Antonio Salieri Department of Vocal Studies and Vocal Research in Music Education, University of Music and Performing Arts Vienna, Vienna, Austria.
J Voice. 2021 May;35(3):365-375. doi: 10.1016/j.jvoice.2019.11.005. Epub 2020 Mar 9.
Subharmonics are an important class of voice signals, relevant for speech, pathological voice, singing, and animal bioacoustics. They arise from special cases of amplitude (AM) or frequency modulation (FM) of the time-domain signal.
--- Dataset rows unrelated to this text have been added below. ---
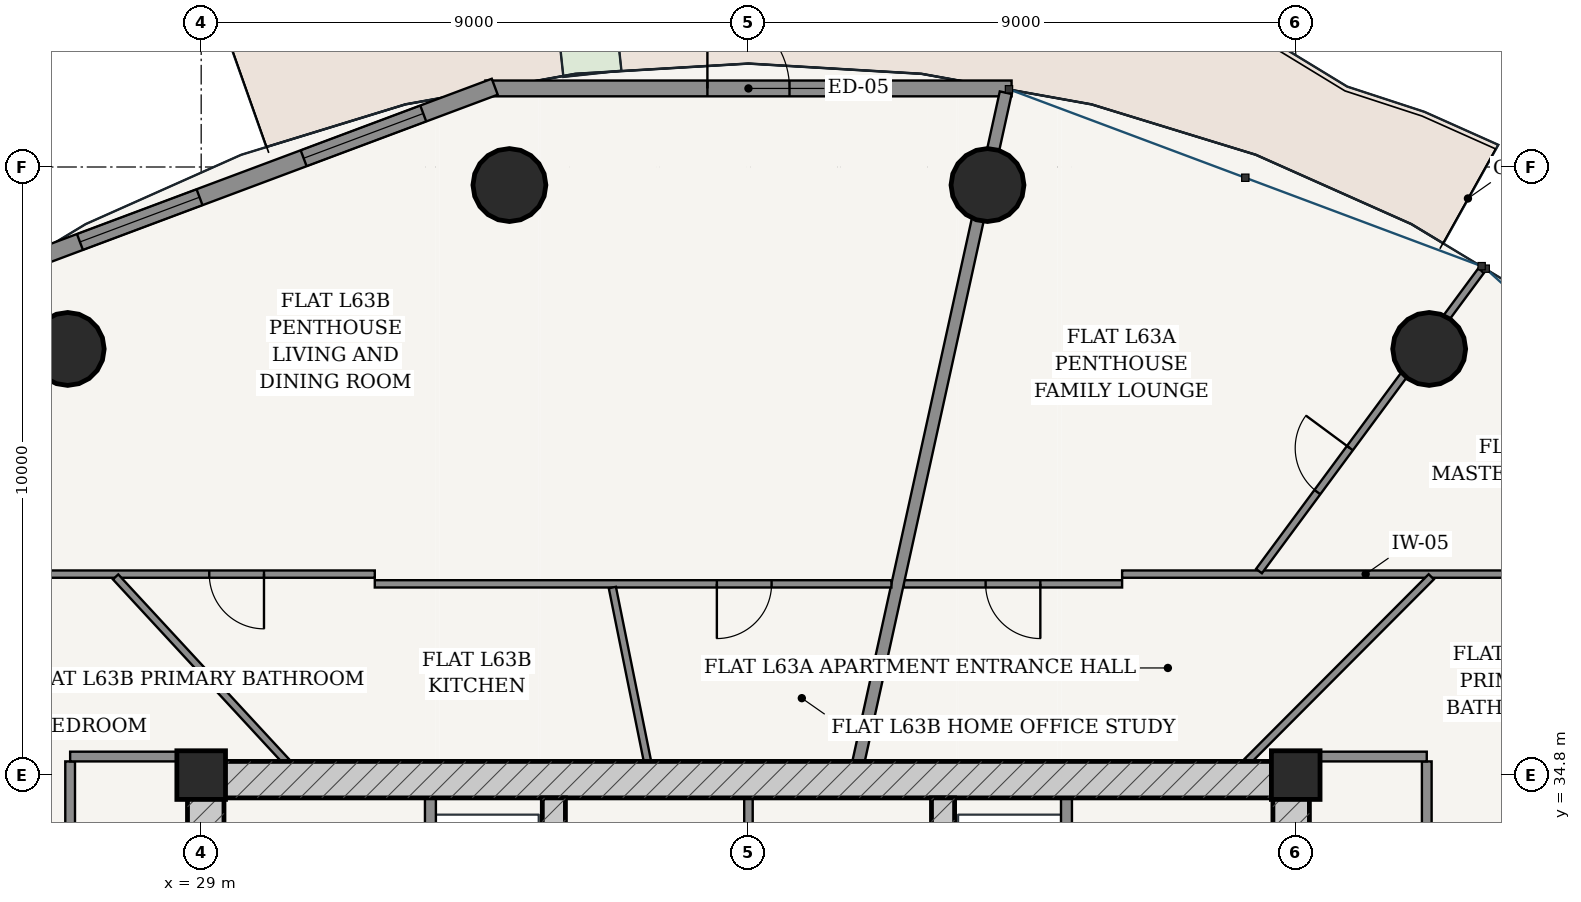
"""IFC4 building model, lengths in metres.
Left out: names, types, materials, properties, quantities, classifications, styles, units other than length and angle.
Written with IfcOpenShell. Run it as: python <this file> out.ifc"""

import sys

from ifc_helpers import new_model, si_unit, direction, frame, frame_2d, origin, origin_2d, place, context, subcontext, project, spatial, rectangle, hollow_circle, extrude, source, transform, mapped, element, fill, save


model = new_model("IFC4")
c1 = context("Model", 3, precision=1e-05, world=origin(), true_north=direction((-0.2419218956, 0.970295726276)))
c2 = subcontext(c1, "Body", "Model", "MODEL_VIEW")
j1 = project(units=[si_unit("LENGTHUNIT", "METRE"), si_unit("PLANEANGLEUNIT", "RADIAN")], contexts=[c1])
p1 = place(None, origin())
s1 = spatial("IfcSite", under=j1, at=p1, CompositionType="ELEMENT")
p2 = place(p1, origin())
s2 = spatial("IfcBuilding", under=s1, at=p2, CompositionType="ELEMENT")
p3 = place(p2, frame((0.0, 0.0, 239.3)))
s3 = spatial("IfcBuildingStorey", under=s2, at=p3, CompositionType="ELEMENT", Elevation=239.3)
for number, where, z_axis, x_axis in (
    (1, (47.0, 34.8, 0.0), (0.0, 0.0, 1.0), (1.0, 0.0, 0.0)),
    (2, (29.0, 34.8, 0.0), (0.0, 0.0, 1.0), (1.0, 0.0, 0.0)),
):
    element("IfcColumn", number, at=place(p3, frame(where, z_axis=z_axis, x_axis=x_axis)), inside=s3, PredefinedType="COLUMN", context=c2, shape_type="SweptSolid", body=[
        extrude(rectangle(XDim=0.8, YDim=0.8, at=origin_2d()), origin(), (0.0, 0.0, 1.0), 3.7),
    ])
p4 = place(p3, frame((28.775, 34.725, 0.0), z_axis=(0.0, 0.0, 1.0), x_axis=(1.0, 0.0, 0.0)))
e3 = element("IfcWall", 3, at=p4, inside=s3, PredefinedType="SHEAR", context=c2, shape_type="SweptSolid", body=[
    extrude(rectangle(XDim=18.45, YDim=0.6, at=frame_2d((9.225, 0.0))), origin(), (0.0, 0.0, 1.0), 3.25),
])
p5 = place(p3, frame((29.075, 19.175, 0.0), z_axis=(0.0, 0.0, 1.0), x_axis=(0.0, 1.0, 0.0)))
e4 = element("IfcWall", 4, at=p5, inside=s3, PredefinedType="SHEAR", context=c2, shape_type="SweptSolid", body=[
    extrude(rectangle(XDim=15.25, YDim=0.6, at=frame_2d((7.625, 0.0))), origin(), (0.0, 0.0, 1.0), 3.25),
])
p6 = place(p5, frame((9.875, 0.0, 0.0)))
e5 = element("IfcOpeningElement", 5, at=p6, cuts=e4, PredefinedType="OPENING", context=c2, shape_type="SweptSolid", body=[
    extrude(rectangle(XDim=1.5, YDim=2.2, at=frame_2d((0.75, 1.1))), frame((0.0, 0.31, 0.0), z_axis=(0.0, -1.0, 0.0), x_axis=(1.0, 0.0, 0.0)), (0.0, 0.0, 1.0), 0.62),
])
p7 = place(p3, frame((46.925, 19.175, 0.0), z_axis=(0.0, 0.0, 1.0), x_axis=(0.0, 1.0, 0.0)))
e6 = element("IfcWall", 6, at=p7, inside=s3, PredefinedType="SHEAR", context=c2, shape_type="SweptSolid", body=[
    extrude(rectangle(XDim=15.25, YDim=0.6, at=frame_2d((7.625, 0.0))), origin(), (0.0, 0.0, 1.0), 3.25),
])
p8 = place(p7, frame((9.875, 0.0, 0.0)))
e7 = element("IfcOpeningElement", 7, at=p8, cuts=e6, PredefinedType="OPENING", context=c2, shape_type="SweptSolid", body=[
    extrude(rectangle(XDim=1.5, YDim=2.2, at=frame_2d((0.75, 1.1))), frame((0.0, 0.31, 0.0), z_axis=(0.0, -1.0, 0.0), x_axis=(1.0, 0.0, 0.0)), (0.0, 0.0, 1.0), 0.62),
])
p9 = place(p3, frame((34.8, 19.175, 0.0), z_axis=(0.0, 0.0, 1.0), x_axis=(0.0, 1.0, 0.0)))
e8 = element("IfcWall", 8, at=p9, inside=s3, PredefinedType="SHEAR", context=c2, shape_type="SweptSolid", body=[
    extrude(rectangle(XDim=15.25, YDim=0.38, at=frame_2d((7.625, 0.0))), origin(), (0.0, 0.0, 1.0), 3.25),
])
p10 = place(p9, frame((7.8, 0.0, 0.0)))
e9 = element("IfcOpeningElement", 9, at=p10, cuts=e8, PredefinedType="OPENING", context=c2, shape_type="SweptSolid", body=[
    extrude(rectangle(XDim=1.05, YDim=2.15, at=frame_2d((0.525, 1.075))), frame((0.0, 0.2, 0.0), z_axis=(0.0, -1.0, 0.0), x_axis=(1.0, 0.0, 0.0)), (0.0, 0.0, 1.0), 0.4),
])
p11 = place(p3, frame((41.2, 19.175, 0.0), z_axis=(0.0, 0.0, 1.0), x_axis=(0.0, 1.0, 0.0)))
e10 = element("IfcWall", 10, at=p11, inside=s3, PredefinedType="SHEAR", context=c2, shape_type="SweptSolid", body=[
    extrude(rectangle(XDim=15.25, YDim=0.38, at=frame_2d((7.625, 0.0))), origin(), (0.0, 0.0, 1.0), 3.25),
])
p12 = place(p11, frame((7.8, 0.0, 0.0)))
e11 = element("IfcOpeningElement", 11, at=p12, cuts=e10, PredefinedType="OPENING", context=c2, shape_type="SweptSolid", body=[
    extrude(rectangle(XDim=1.05, YDim=2.15, at=frame_2d((0.525, 1.075))), frame((0.0, 0.2, 0.0), z_axis=(0.0, -1.0, 0.0), x_axis=(1.0, 0.0, 0.0)), (0.0, 0.0, 1.0), 0.4),
])
for number, where, z_axis, x_axis in (
    (12, (49.195, 41.808, 0.0), (0.0, 0.0, 1.0), (1.0, 0.0, 0.0)),
    (13, (41.931, 44.503, 0.0), (0.0, 0.0, 1.0), (1.0, 0.0, 0.0)),
    (14, (34.069, 44.503, 0.0), (0.0, 0.0, 1.0), (1.0, 0.0, 0.0)),
    (15, (26.805, 41.808, 0.0), (0.0, 0.0, 1.0), (1.0, 0.0, 0.0)),
):
    element("IfcColumn", number, at=place(p3, frame(where, z_axis=z_axis, x_axis=x_axis)), inside=s3, PredefinedType="COLUMN", context=c2, shape_type="SweptSolid", body=[
        extrude(hollow_circle(Radius=0.6, WallThickness=0.038, at=origin_2d()), origin(), (0.0, 0.0, 1.0), 3.7),
    ])
p13 = place(p3, frame((42.327, 46.092, 0.0), z_axis=(0.0, 0.0, 1.0), x_axis=(-1.0, 0.0, 0.0)))
e16 = element("IfcWall", 16, at=p13, inside=s3, PredefinedType="SOLIDWALL", context=c2, shape_type="SweptSolid", body=[
    extrude(rectangle(XDim=8.654, YDim=0.26, at=frame_2d((4.327, 0.0))), origin(), (0.0, 0.0, 1.0), 3.25),
])
p14 = place(p13, frame((3.652, 0.0, 0.0)))
e17 = element("IfcOpeningElement", 17, at=p14, cuts=e16, PredefinedType="OPENING", context=c2, shape_type="SweptSolid", body=[
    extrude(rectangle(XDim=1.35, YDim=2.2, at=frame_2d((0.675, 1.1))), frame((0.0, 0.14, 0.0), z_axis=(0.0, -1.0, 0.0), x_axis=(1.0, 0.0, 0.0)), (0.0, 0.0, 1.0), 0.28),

Surprisingly, to date there is only one open source subharmonics detector available to the scientific community: Sun's subharmonic-to-harmonic ratio (SHR). Here, this algorithm was subjected to a formal evaluation with two data sets of synthesized and empirical speech samples. Both data sets consisted of electroglottographic (EGG) signals, ie, a physiological correlate of vocal fold oscillation that bypasses vocal tract acoustics. Data Set I contained 2560 synthesized EGG signals with varying degrees of AM and FM, fundamental frequency (fo), periodicity, and signal-to-noise ratio (SNR). Data Set II was made up of 25 EGG samples extracted from the CMU Arctic speech data base. For a "ground truth" of subharmonicity, these samples were manually annotated by a group of five external experts. Analysis of the synthesized data suggested that the SHR metric is relatively robust as long as the subharmonic modulation extent is below 0.35 and 0.7 for the FM and AM scenarios, respectively. In the CMU Arctic speech data samples, the SHR analysis reached a maximum sensitivity of about 87% at a specificity of over 90%, but only for adaptive algorithm parameter settings. In contrast, the algorithm's default parameter settings could only successfully classify about 9% of all subharmonic instances. The SHR is a useful metric for assessing the degree of subharmonics contained in voice signals, but only at adaptive parameter settings. In particular, the frequency ceiling should be set to five times the highest fo, and the frame length to at least five times the largest fundamental period of the analyzed signal. For subharmonic classification a threshold of SHR ≥ 0.01 is recommended.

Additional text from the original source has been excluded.